Position: Unconditional Education Coach
I began my educational career as a third-grade teacher in St. Louis Missouri. Before teaching, I always knew that I wanted to go to graduate school for school social work and knew that having experience in the classroom would make me a better resource to my teacher colleagues. After two great years in St. Louis, I moved to Minneapolis, where I completed my graduate studies in social work at the University of Minnesota, and worked a school social worker at Whittier Elementary School.
When I was looking at relocating to the Bay Area, I came across Seneca’s Unconditional Education Program. I read “Unconditional Care” by Sprinson and Berrick and started to implement what I had learned into my role as a school social worker. When I saw the opening for a UE coach position, I knew it was a perfect fit! I am honored to be in the position to serve an elementary school supported by so many resources and great talent.

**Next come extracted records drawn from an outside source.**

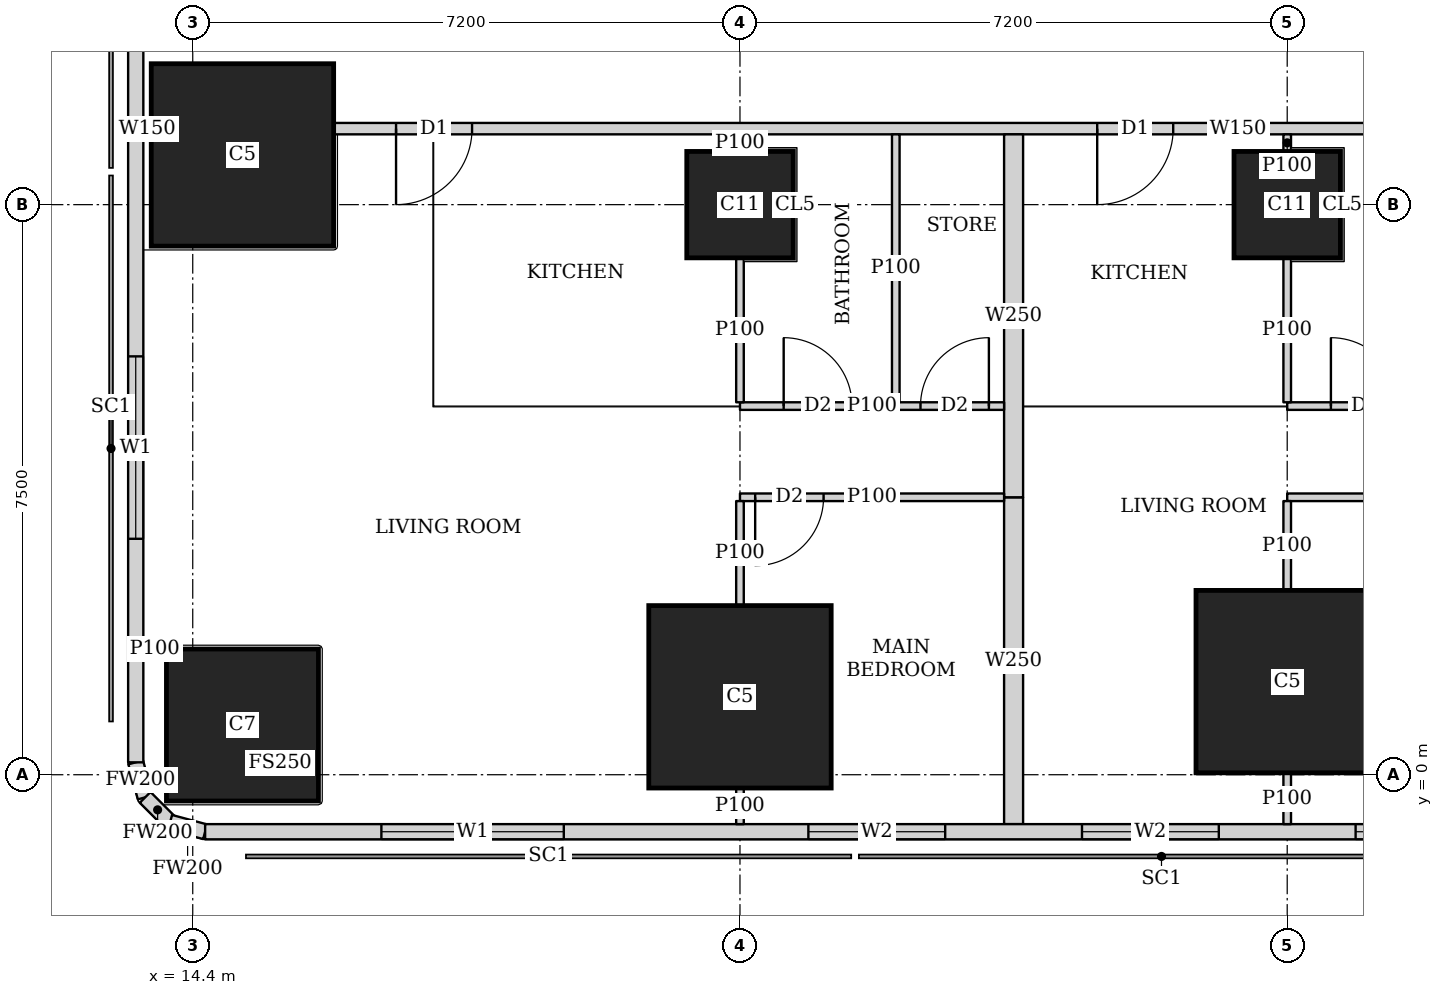
"""IFC4 building model, lengths in metres.
Left out: names, types, materials, properties, quantities, classifications, styles, units other than length and angle.
Written with IfcOpenShell. Run it as: python <this file> out.ifc"""

import sys

from ifc_helpers import new_model, si_unit, direction, frame, frame_2d, origin, origin_2d, place, context, subcontext, project, spatial, rectangle, extrude, element, fill, save


model = new_model("IFC4")
c1 = context("Model", 3, precision=1e-05, world=origin(), true_north=direction((0.0, 1.0)))
c2 = subcontext(c1, "Body", "Model", "MODEL_VIEW")
j1 = project(units=[si_unit("LENGTHUNIT", "METRE"), si_unit("PLANEANGLEUNIT", "RADIAN")], contexts=[c1])
p1 = place(None, origin())
s1 = spatial("IfcSite", under=j1, at=p1, CompositionType="ELEMENT")
p2 = place(p1, origin())
s2 = spatial("IfcBuilding", under=s1, at=p2, CompositionType="ELEMENT")
p3 = place(p2, frame((0.0, 0.0, 227.45)))
s3 = spatial("IfcBuildingStorey", under=s2, at=p3, CompositionType="ELEMENT", Elevation=227.45)
p4 = place(p3, frame((15.054, 0.654, 0.0), z_axis=(0.0, 0.0, 1.0), x_axis=(1.0, 0.0, 0.0)))
e1 = element("IfcColumn", 1, at=p4, inside=s3, PredefinedType="COLUMN", context=c2, shape_type="SweptSolid", body=[
    extrude(rectangle(XDim=2.0, YDim=2.0, at=origin_2d()), origin(), (0.0, 0.0, 1.0), 3.75),
])
for number, where, z_axis, x_axis in (
    (2, (21.6, 1.025, 0.0), (0.0, 0.0, 1.0), (1.0, 0.0, 0.0)),
    (3, (28.8, 1.225, 0.0), (0.0, 0.0, 1.0), (1.0, 0.0, 0.0)),
    (4, (15.054, 8.154, 0.0), (0.0, 0.0, 1.0), (1.0, 0.0, 0.0)),
):
    element("IfcColumn", number, at=place(p3, frame(where, z_axis=z_axis, x_axis=x_axis)), inside=s3, PredefinedType="COLUMN", context=c2, shape_type="SweptSolid", body=[
        extrude(rectangle(XDim=2.4, YDim=2.4, at=origin_2d()), origin(), (0.0, 0.0, 1.0), 3.75),
    ])
for number, where, z_axis, x_axis in (
    (5, (21.6, 7.5, 0.0), (0.0, 0.0, 1.0), (1.0, 0.0, 0.0)),
    (6, (28.8, 7.5, 0.0), (0.0, 0.0, 1.0), (1.0, 0.0, 0.0)),
):
    element("IfcColumn", number, at=place(p3, frame(where, z_axis=z_axis, x_axis=x_axis)), inside=s3, PredefinedType="COLUMN", context=c2, shape_type="SweptSolid", body=[
        extrude(rectangle(XDim=1.4, YDim=1.4, at=origin_2d()), origin(), (0.0, 0.0, 1.0), 3.75),
    ])
p5 = place(p3, frame((14.563, -0.75, 0.0), z_axis=(0.0, 0.0, 1.0), x_axis=(1.0, 0.0, 0.0)))
e7 = element("IfcWall", 7, at=p5, inside=s3, PredefinedType="SOLIDWALL", context=c2, shape_type="SweptSolid", body=[
    extrude(rectangle(XDim=33.228, YDim=0.2, at=frame_2d((16.614, 0.0))), origin(), (0.0, 0.0, 1.0), 3.5),
])
p6 = place(p5, frame((2.319, 0.0, 0.9)))
e8 = element("IfcOpeningElement", 8, at=p6, cuts=e7, PredefinedType="OPENING", context=c2, shape_type="SweptSolid", body=[
    extrude(rectangle(XDim=2.4, YDim=1.5, at=frame_2d((1.2, 0.75))), frame((0.0, 0.11, 0.0), z_axis=(0.0, -1.0, 0.0), x_axis=(1.0, 0.0, 0.0)), (0.0, 0.0, 1.0), 0.22),
])
p7 = place(p5, frame((7.937, 0.0, 0.9)))
e9 = element("IfcOpeningElement", 9, at=p7, cuts=e7, PredefinedType="OPENING", context=c2, shape_type="SweptSolid", body=[
    extrude(rectangle(XDim=1.8, YDim=1.5, at=frame_2d((0.9, 0.75))), frame((0.0, 0.11, 0.0), z_axis=(0.0, -1.0, 0.0), x_axis=(1.0, 0.0, 0.0)), (0.0, 0.0, 1.0), 0.22),
])
p8 = place(p5, frame((11.537, 0.0, 0.9)))
e10 = element("IfcOpeningElement", 10, at=p8, cuts=e7, PredefinedType="OPENING", context=c2, shape_type="SweptSolid", body=[
    extrude(rectangle(XDim=1.8, YDim=1.5, at=frame_2d((0.9, 0.75))), frame((0.0, 0.11, 0.0), z_axis=(0.0, -1.0, 0.0), x_axis=(1.0, 0.0, 0.0)), (0.0, 0.0, 1.0), 0.22),
])
p9 = place(p5, frame((15.137, 0.0, 0.9)))
e11 = element("IfcOpeningElement", 11, at=p9, cuts=e7, PredefinedType="OPENING", context=c2, shape_type="SweptSolid", body=[
    extrude(rectangle(XDim=1.8, YDim=1.5, at=frame_2d((0.9, 0.75))), frame((0.0, 0.11, 0.0), z_axis=(0.0, -1.0, 0.0), x_axis=(1.0, 0.0, 0.0)), (0.0, 0.0, 1.0), 0.22),
])
p10 = place(p5, frame((18.737, 0.0, 0.9)))
e12 = element("IfcOpeningElement", 12, at=p10, cuts=e7, PredefinedType="OPENING", context=c2, shape_type="SweptSolid", body=[
    extrude(rectangle(XDim=1.8, YDim=1.5, at=frame_2d((0.9, 0.75))), frame((0.0, 0.11, 0.0), z_axis=(0.0, -1.0, 0.0), x_axis=(1.0, 0.0, 0.0)), (0.0, 0.0, 1.0), 0.22),
])
p11 = place(p5, frame((22.337, 0.0, 0.9)))
e13 = element("IfcOpeningElement", 13, at=p11, cuts=e7, PredefinedType="OPENING", context=c2, shape_type="SweptSolid", body=[
    extrude(rectangle(XDim=1.8, YDim=1.5, at=frame_2d((0.9, 0.75))), frame((0.0, 0.11, 0.0), z_axis=(0.0, -1.0, 0.0), x_axis=(1.0, 0.0, 0.0)), (0.0, 0.0, 1.0), 0.22),
])
p12 = place(p3, frame((13.65, 44.837, 0.0), z_axis=(0.0, 0.0, 1.0), x_axis=(0.0, -1.0, 0.0)))
e14 = element("IfcWall", 14, at=p12, inside=s3, PredefinedType="SOLIDWALL", context=c2, shape_type="SweptSolid", body=[
    extrude(rectangle(XDim=44.674, YDim=0.2, at=frame_2d((22.337, 0.0))), origin(), (0.0, 0.0, 1.0), 3.5),
])
p13 = place(p12, frame((2.614, 0.0, 0.9)))
e15 = element("IfcOpeningElement", 15, at=p13, cuts=e14, PredefinedType="OPENING", context=c2, shape_type="SweptSolid", body=[
    extrude(rectangle(XDim=2.4, YDim=1.5, at=frame_2d((1.2, 0.75))), frame((0.0, 0.11, 0.0), z_axis=(0.0, -1.0, 0.0), x_axis=(1.0, 0.0, 0.0)), (0.0, 0.0, 1.0), 0.22),
])
p14 = place(p12, frame((39.333, 0.0, 0.9)))
e16 = element("IfcOpeningElement", 16, at=p14, cuts=e14, PredefinedType="OPENING", context=c2, shape_type="SweptSolid", body=[
    extrude(rectangle(XDim=2.4, YDim=1.5, at=frame_2d((1.2, 0.75))), frame((0.0, 0.11, 0.0), z_axis=(0.0, -1.0, 0.0), x_axis=(1.0, 0.0, 0.0)), (0.0, 0.0, 1.0), 0.22),
])
p15 = place(p3, frame((13.65, 0.163, 0.0), z_axis=(0.0, 0.0, 1.0), x_axis=(0.259698463175, -0.965689757751, 0.0)))
e17 = element("IfcWall", 17, at=p15, inside=s3, PredefinedType="SOLIDWALL", context=c2, shape_type="SweptSolid", body=[
    extrude(rectangle(XDim=0.478, YDim=0.2, at=frame_2d((0.239, 0.0))), origin(), (0.0, 0.0, 1.0), 3.5),
])
p16 = place(p3, frame((13.774, -0.298, 0.0), z_axis=(0.0, 0.0, 1.0), x_axis=(0.707369890659, -0.706843573776, 0.0)))
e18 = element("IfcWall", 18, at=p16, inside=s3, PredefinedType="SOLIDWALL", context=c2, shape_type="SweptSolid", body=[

I can talk with my mouth closed (kind of like an amateur ventriloquist).
What does your average day look like?
I am an early riser! I wake up well before 6AM so that I can spend time with my family before going to work. Then I hop on my bike to school. The ride and the cool morning air help clear my mind and relax my body. When I get to work, I start with emails and then preparing for groups. My office is located right by one of the school’s entrances, so I leave my door open to greet staff as they come in. By some stroke of luck, one of my first morning duties is holding the kindergarten door. I love to imagine adults entering their work buildings with the joy that kindergartners enter our school building! After this, all days look different with a common element: creating and refining standing school systems as well as managing social emotional, behavioral, and mental health services for students. I spend time conducting social skills groups with students, facilitating school team meetings, and problem solving with staff and students.
After school, I bike to my baby’s daycare and pick her up to enjoy some downtime as a family. My partner is a wonderful cook and I love a good book before an early bedtime, which is a great combo!
Why do you do this work?
Holding the stories of our students and their families is both an honor and a gift. When I read this question, faces of students, parents, co-workers flashed through my head. Through this work, I have learned and grown so much from all the various people I have met whether it be co-workers, students, families or community members. I do this work because I believe that schools can be one of the biggest agents of change in a person’s life. I believe that a good education is a right for all students.
What hope do you have for the future of All-In?
All – In is very data driven, this is one of my many favorite things about the program. I would love it if we could develop and package an “All-in” social emotional data system that we could share with schools all over the country. In the meantime, I hope that we continue to check back with schools that we have exited out of for feedback on how to keep the program working even after Seneca leaves.